By the time you read this, the Bureau of Economic Analysis (BEA) will have released its official estimate of Q4 GDP, but as of December 2022, early estimates were fairly bullish.

Bank of America and Goldman both forecast +1.4% q/q saar, while the Atlanta Fed’s GDPNow is even more optimistic in estimating +3.4% Q4 GDP growth. Recall that Q3 GDP came in at +2.6%.

Perhaps the biggest economic issue in 2022 was inflation— but, as it happens, inflation is in retreat.

Wrote economist Adam Blinder in the Wall Street Journal last month:

“Over the past five months (June to November 2022), inflation has slowed to a crawl.

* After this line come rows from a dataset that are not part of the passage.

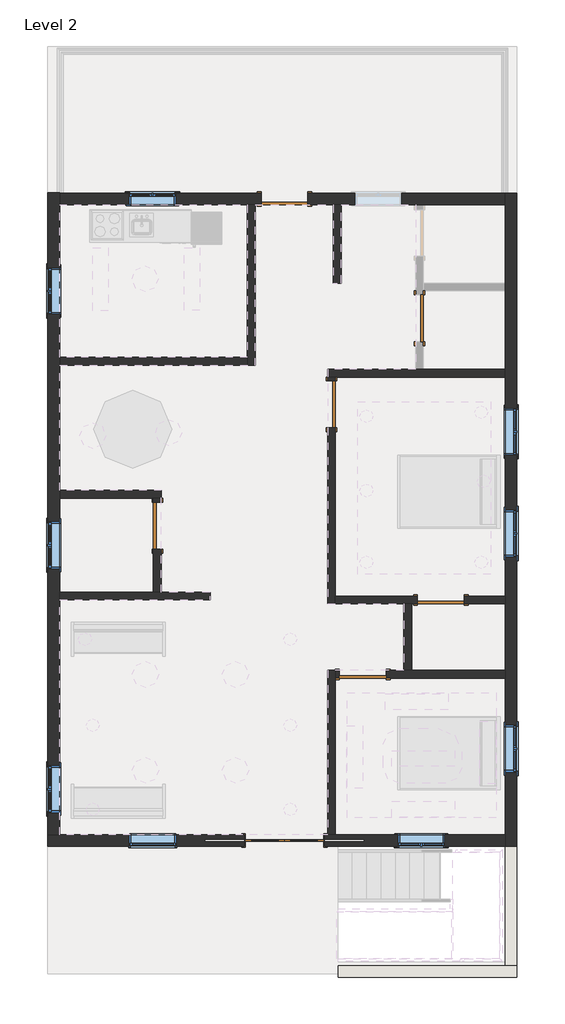
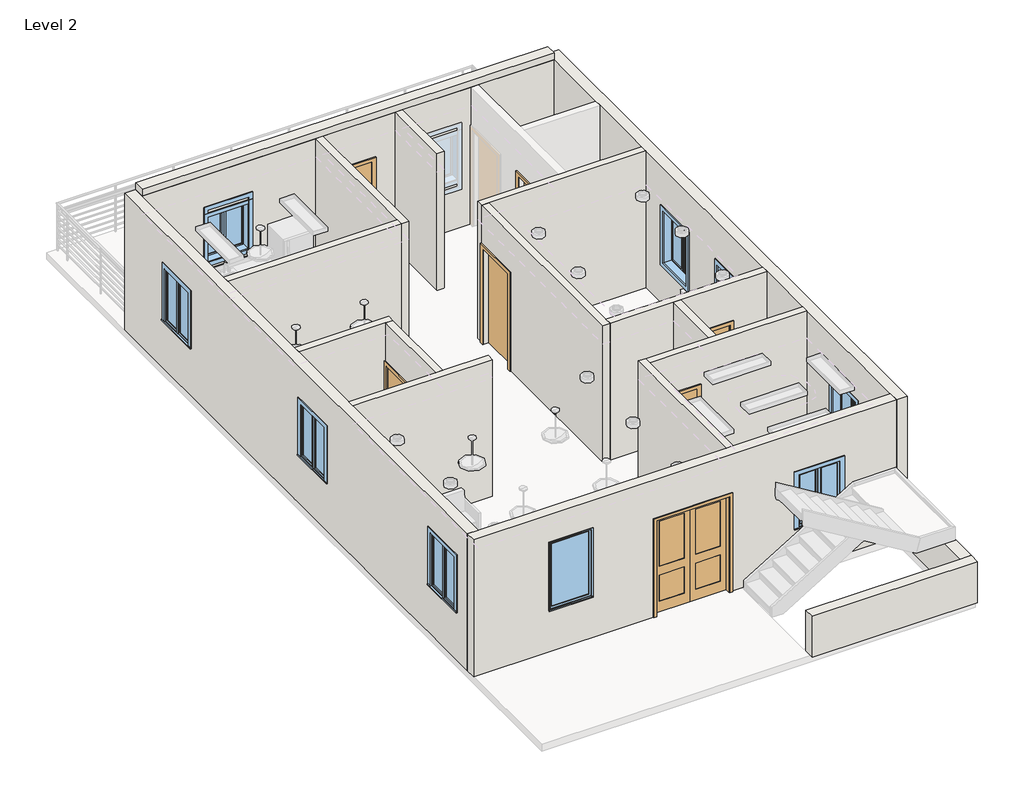
# One storey, part 1 of 3: 19 walls, 10 windows, 7 doors.
"""IFC4 building model written with IfcOpenShell, lengths in millimetres."""

from ifc_helpers import new_model, si_unit, frame, origin, place, context, project, spatial, polyline, outline, extrude, faceted_brep, transform, mapped, element, save
from components import door_53d589bd, door_0ca8825f, door_16372e1c, single_flush_single_door_686f89d2, window_419b5846, m_awning_with_trim_0915_x_1220mm_6739fb62

model = new_model("IFC4")

# Units and contexts
model_context = context("Model", 3, world=origin())
ifc_project = project(units=[si_unit("LENGTHUNIT", "METRE", prefix="MILLI")], contexts=[model_context])

# Site, building, storey
site = spatial("IfcSite", under=ifc_project)
building = spatial("IfcBuilding", under=site)
storey = spatial("IfcBuildingStorey", under=building, Name="Level 2", Elevation=3200.4)

# Doors
placement = place(None, origin())
door_shape = door_53d589bd(model_context)
element("IfcDoor", 1, ObjectType="Door-Interior-Double-Pocket-2_Panel-Wood : 60\" x 84\"", at=placement, inside=storey, context=model_context, shape_type="MappedRepresentation", body=[
    mapped(door_shape, transform((-5457.3572065, 1586.5206867, 3200.4), x_axis=(1.0, 0.0, 0.0), y_axis=(0.0, 1.0, 0.0), z_axis=(0.0, 0.0, 1.0))),
])
door_2_shape = door_0ca8825f(model_context)
element("IfcDoor", 2, ObjectType="Single-Flush : 36\" x 84\"", at=placement, inside=storey, context=model_context, shape_type="MappedRepresentation", body=[
    mapped(door_2_shape, transform((-5457.3572065, 14083.3206867, 3200.4), x_axis=(-1.0, 0.0, 0.0), y_axis=(0.0, -1.0, 0.0), z_axis=(0.0, 0.0, 1.0))),
])
door_3_shape = door_16372e1c(model_context)
element("IfcDoor", 3, ObjectType="Single-Flush : single door", at=placement, inside=storey, context=model_context, shape_type="MappedRepresentation", body=[
    mapped(door_3_shape, transform((-3933.3572065, 4825.0206867, 3200.4), x_axis=(-1.0, 0.0, 0.0), y_axis=(0.0, -1.0, 0.0), z_axis=(0.0, 0.0, 1.0))),
])
element("IfcDoor", 4, ObjectType="Single-Flush : single door", at=placement, inside=storey, context=model_context, shape_type="MappedRepresentation", body=[
    mapped(door_3_shape, transform((-2409.3572065, 6272.8206867, 3200.4), x_axis=(-1.0, 0.0, 0.0), y_axis=(0.0, -1.0, 0.0), z_axis=(0.0, 0.0, 1.0))),
])
element("IfcDoor", 5, ObjectType="Single-Flush : single door", at=placement, inside=storey, context=model_context, shape_type="MappedRepresentation", body=[
    mapped(door_3_shape, transform((-7933.8572065, 7720.6206867, 3200.4), x_axis=(0.0, 1.0, 0.0), y_axis=(-1.0, 0.0, 0.0), z_axis=(0.0, 0.0, 1.0))),
])
single_flush_single_door_shape = single_flush_single_door_686f89d2(model_context)
element("IfcDoor", 6, ObjectType="Single-Flush : single door", at=placement, inside=storey, context=model_context, shape_type="MappedRepresentation", body=[
    mapped(single_flush_single_door_shape, transform((-4542.9572065, 10082.8206867, 3200.4), x_axis=(0.0, 1.0, 0.0), y_axis=(-1.0, 0.0, 0.0), z_axis=(0.0, 0.0, 1.0))),
])
element("IfcDoor", 7, ObjectType="Single-Flush : single door", at=placement, inside=storey, context=model_context, shape_type="MappedRepresentation", body=[
    mapped(single_flush_single_door_shape, transform((-2828.4572065, 11759.2206867, 3200.4), x_axis=(0.0, 1.0, 0.0), y_axis=(-1.0, 0.0, 0.0), z_axis=(0.0, 0.0, 1.0))),
])

# Walls
element("IfcWall", 8, ObjectType="6\"", at=placement, inside=storey, context=model_context, shape_type="Brep", body=[
    faceted_brep([(-4466.7572065, 1700.8206867, 3200.4), (-4466.7572065, 4748.8206867, 3200.4), (-4466.7572065, 4901.2206867, 3200.4), (-4466.7572065, 4901.2206867, 6248.4), (-4466.7572065, 4748.8206867, 6248.4), (-4466.7572065, 1700.8206867, 6248.4), (-4619.1572065, 1700.8206867, 3200.4), (-4619.1572065, 1700.8206867, 6248.4), (-4619.1572065, 4901.2206867, 6248.4), (-4619.1572065, 4901.2206867, 3200.4)], [[[0, 1, 2, 3, 4, 5]], [[6, 7, 8, 9]], [[2, 1, 0, 6, 9]], [[5, 4, 3, 8, 7]], [[0, 5, 7, 6]], [[3, 2, 9, 8]]]),
])
element("IfcWall", 9, ObjectType="6\"", at=placement, inside=storey, context=model_context, shape_type="Brep", body=[
    faceted_brep([(-4390.5572065, 4901.2206867, 5334.0), (-4390.5572065, 4901.2206867, 3200.4), (-4466.7572065, 4901.2206867, 3200.4), (-4466.7572065, 4901.2206867, 6248.4), (-3133.2572065, 4901.2206867, 6248.4), (-2980.8572065, 4901.2206867, 6248.4), (-1158.4072065, 4901.2206867, 6248.4), (-1158.4072065, 4901.2206867, 3200.4), (-2980.8572065, 4901.2206867, 3200.4), (-3133.2572065, 4901.2206867, 3200.4), (-3476.1572065, 4901.2206867, 3200.4), (-3476.1572065, 4901.2206867, 5334.0), (-4466.7572065, 4748.8206867, 3200.4), (-4390.5572065, 4748.8206867, 3200.4), (-4390.5572065, 4748.8206867, 5334.0), (-3476.1572065, 4748.8206867, 5334.0), (-3476.1572065, 4748.8206867, 3200.4), (-1158.4072065, 4748.8206867, 3200.4), (-1158.4072065, 4748.8206867, 6248.4), (-4466.7572065, 4748.8206867, 6248.4)], [[[0, 1, 2, 3, 4, 5, 6, 7, 8, 9, 10, 11]], [[12, 13, 14, 15, 16, 17, 18, 19]], [[2, 1, 13, 12]], [[10, 9, 8, 7, 17, 16]], [[6, 5, 4, 3, 19, 18]], [[7, 6, 18, 17]], [[3, 2, 12, 19]], [[14, 13, 1, 0]], [[15, 14, 0, 11]], [[16, 15, 11, 10]]]),
])
element("IfcWall", 10, ObjectType="6\"", at=placement, inside=storey, context=model_context, shape_type="SweptSolid", body=[
    extrude(outline(polyline([(-2980.8572065, 6196.6206867), (-2980.8572065, 4901.2206867), (-3133.2572065, 4901.2206867), (-3133.2572065, 6196.6206867), (-2980.8572065, 6196.6206867)])), frame((0.0, 0.0, 3200.4), z_axis=(0.0, 0.0, 1.0), x_axis=(1.0, 0.0, 0.0)), (0.0, 0.0, 1.0), 3048.0),
])
element("IfcWall", 11, ObjectType="6\"", at=placement, inside=storey, context=model_context, shape_type="Brep", body=[
    faceted_brep([(-4466.7572065, 6349.0206867, 6248.4), (-1158.4072065, 6349.0206867, 6248.4), (-1158.4072065, 6349.0206867, 3200.4), (-1952.1572065, 6349.0206867, 3200.4), (-1952.1572065, 6349.0206867, 5334.0), (-2866.5572065, 6349.0206867, 5334.0), (-2866.5572065, 6349.0206867, 3200.4), (-4466.7572065, 6349.0206867, 3200.4), (-1158.4072065, 6196.6206867, 6248.4), (-2980.8572065, 6196.6206867, 6248.4), (-3133.2572065, 6196.6206867, 6248.4), (-4466.7572065, 6196.6206867, 6248.4), (-4466.7572065, 6196.6206867, 3200.4), (-3133.2572065, 6196.6206867, 3200.4), (-2980.8572065, 6196.6206867, 3200.4), (-2866.5572065, 6196.6206867, 3200.4), (-2866.5572065, 6196.6206867, 5334.0), (-1952.1572065, 6196.6206867, 5334.0), (-1952.1572065, 6196.6206867, 3200.4), (-1158.4072065, 6196.6206867, 3200.4)], [[[0, 1, 2, 3, 4, 5, 6, 7]], [[8, 9, 10, 11, 12, 13, 14, 15, 16, 17, 18, 19]], [[2, 19, 18, 3]], [[12, 7, 6, 15, 14, 13]], [[1, 0, 11, 10, 9, 8]], [[2, 1, 8, 19]], [[0, 7, 12, 11]], [[16, 5, 4, 17]], [[17, 4, 3, 18]], [[5, 16, 15, 6]]]),
])
element("IfcWall", 12, ObjectType="6\"", at=placement, inside=storey, context=model_context, shape_type="Brep", body=[
    faceted_brep([(-1158.4072065, 10768.6206867, 3200.4), (-2752.2572065, 10768.6206867, 3200.4), (-2904.6572065, 10768.6206867, 3200.4), (-4619.1572065, 10768.6206867, 3200.4), (-4619.1572065, 10768.6206867, 6248.4), (-2904.6572065, 10768.6206867, 6248.4), (-2752.2572065, 10768.6206867, 6248.4), (-1158.4072065, 10768.6206867, 6248.4), (-1158.4072065, 10616.2206867, 3200.4), (-1158.4072065, 10616.2206867, 6248.4), (-4466.7572065, 10616.2206867, 6248.4), (-4619.1572065, 10616.2206867, 6248.4), (-4619.1572065, 10616.2206867, 3200.4), (-4466.7572065, 10616.2206867, 3200.4)], [[[0, 1, 2, 3, 4, 5, 6, 7]], [[8, 9, 10, 11, 12, 13]], [[3, 2, 1, 0, 8, 13, 12]], [[7, 6, 5, 4, 11, 10, 9]], [[0, 7, 9, 8]], [[4, 3, 12, 11]]]),
])
element("IfcWall", 13, ObjectType="6\"", at=placement, inside=storey, context=model_context, shape_type="Brep", body=[
    faceted_brep([(-4466.7572065, 10540.0206867, 5334.0), (-4466.7572065, 10540.0206867, 3200.4), (-4466.7572065, 10616.2206867, 3200.4), (-4466.7572065, 10616.2206867, 6248.4), (-4466.7572065, 6349.0206867, 6248.4), (-4466.7572065, 6196.6206867, 6248.4), (-4466.7572065, 6196.6206867, 3200.4), (-4466.7572065, 6349.0206867, 3200.4), (-4466.7572065, 9625.6206867, 3200.4), (-4466.7572065, 9625.6206867, 5334.0), (-4619.1572065, 10616.2206867, 3200.4), (-4619.1572065, 10540.0206867, 3200.4), (-4619.1572065, 10540.0206867, 5334.0), (-4619.1572065, 9625.6206867, 5334.0), (-4619.1572065, 9625.6206867, 3200.4), (-4619.1572065, 6196.6206867, 3200.4), (-4619.1572065, 6196.6206867, 6248.4), (-4619.1572065, 10616.2206867, 6248.4)], [[[0, 1, 2, 3, 4, 5, 6, 7, 8, 9]], [[10, 11, 12, 13, 14, 15, 16, 17]], [[2, 1, 11, 10]], [[8, 7, 6, 15, 14]], [[5, 4, 3, 17, 16]], [[3, 2, 10, 17]], [[6, 5, 16, 15]], [[12, 11, 1, 0]], [[13, 12, 0, 9]], [[14, 13, 9, 8]]]),
])
element("IfcWall", 14, ObjectType="6\"", at=placement, inside=storey, context=model_context, shape_type="Brep", body=[
    faceted_brep([(-6181.2572065, 13969.0206867, 6248.4), (-6181.2572065, 13969.0206867, 3200.4), (-6181.2572065, 10997.2206867, 3200.4), (-6181.2572065, 10844.8206867, 3200.4), (-6181.2572065, 10844.8206867, 6248.4), (-6181.2572065, 10997.2206867, 6248.4), (-6028.8572065, 13969.0206867, 3200.4), (-6028.8572065, 13969.0206867, 6248.4), (-6028.8572065, 10844.8206867, 6248.4), (-6028.8572065, 10844.8206867, 3200.4)], [[[0, 1, 2, 3, 4, 5]], [[6, 7, 8, 9]], [[3, 2, 1, 6, 9]], [[0, 5, 4, 8, 7]], [[4, 3, 9, 8]], [[0, 7, 6, 1]]]),
])
element("IfcWall", 15, ObjectType="6\"", at=placement, inside=storey, context=model_context, shape_type="Brep", body=[
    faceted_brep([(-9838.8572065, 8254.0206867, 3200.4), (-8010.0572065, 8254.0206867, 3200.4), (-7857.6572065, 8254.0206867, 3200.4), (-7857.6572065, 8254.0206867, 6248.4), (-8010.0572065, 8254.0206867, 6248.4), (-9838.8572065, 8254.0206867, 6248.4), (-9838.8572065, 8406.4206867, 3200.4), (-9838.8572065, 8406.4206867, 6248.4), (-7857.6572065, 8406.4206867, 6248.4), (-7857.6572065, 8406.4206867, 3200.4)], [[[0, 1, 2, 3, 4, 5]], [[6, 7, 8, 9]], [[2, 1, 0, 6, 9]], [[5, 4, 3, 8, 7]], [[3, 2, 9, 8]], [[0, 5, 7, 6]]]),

Whether measured by the consumer-price index, or CPI, which most people watch, or the price index for personal consumption expenditures, or PCE, which the Federal

Reserve prefers, the annualized inflation rate has been around 2.5% over these five months. “

Yes, you read that right. Yet hardly anyone has noticed this stunning development because of the near-universal concentration on price changes measured over 12-month periods, which are still 7.1% for CPI inflation and 5.5% for PCE inflation.

There are a few caveats, chief among them being that five months isn’t quite enough to declare victory, but also:

“Concentrate instead on ‘core’ inflation, which excludes food and energy prices, annual inflation over the past five months has run higher: a 4.7% annual rate for the CPI and 3.7% for the PCE.

So the Fed’s fight against inflation isn’t over.

Still, as we head into 2023, the industry is doing pretty well, and the economy as a whole is humming along. Can we keep it going?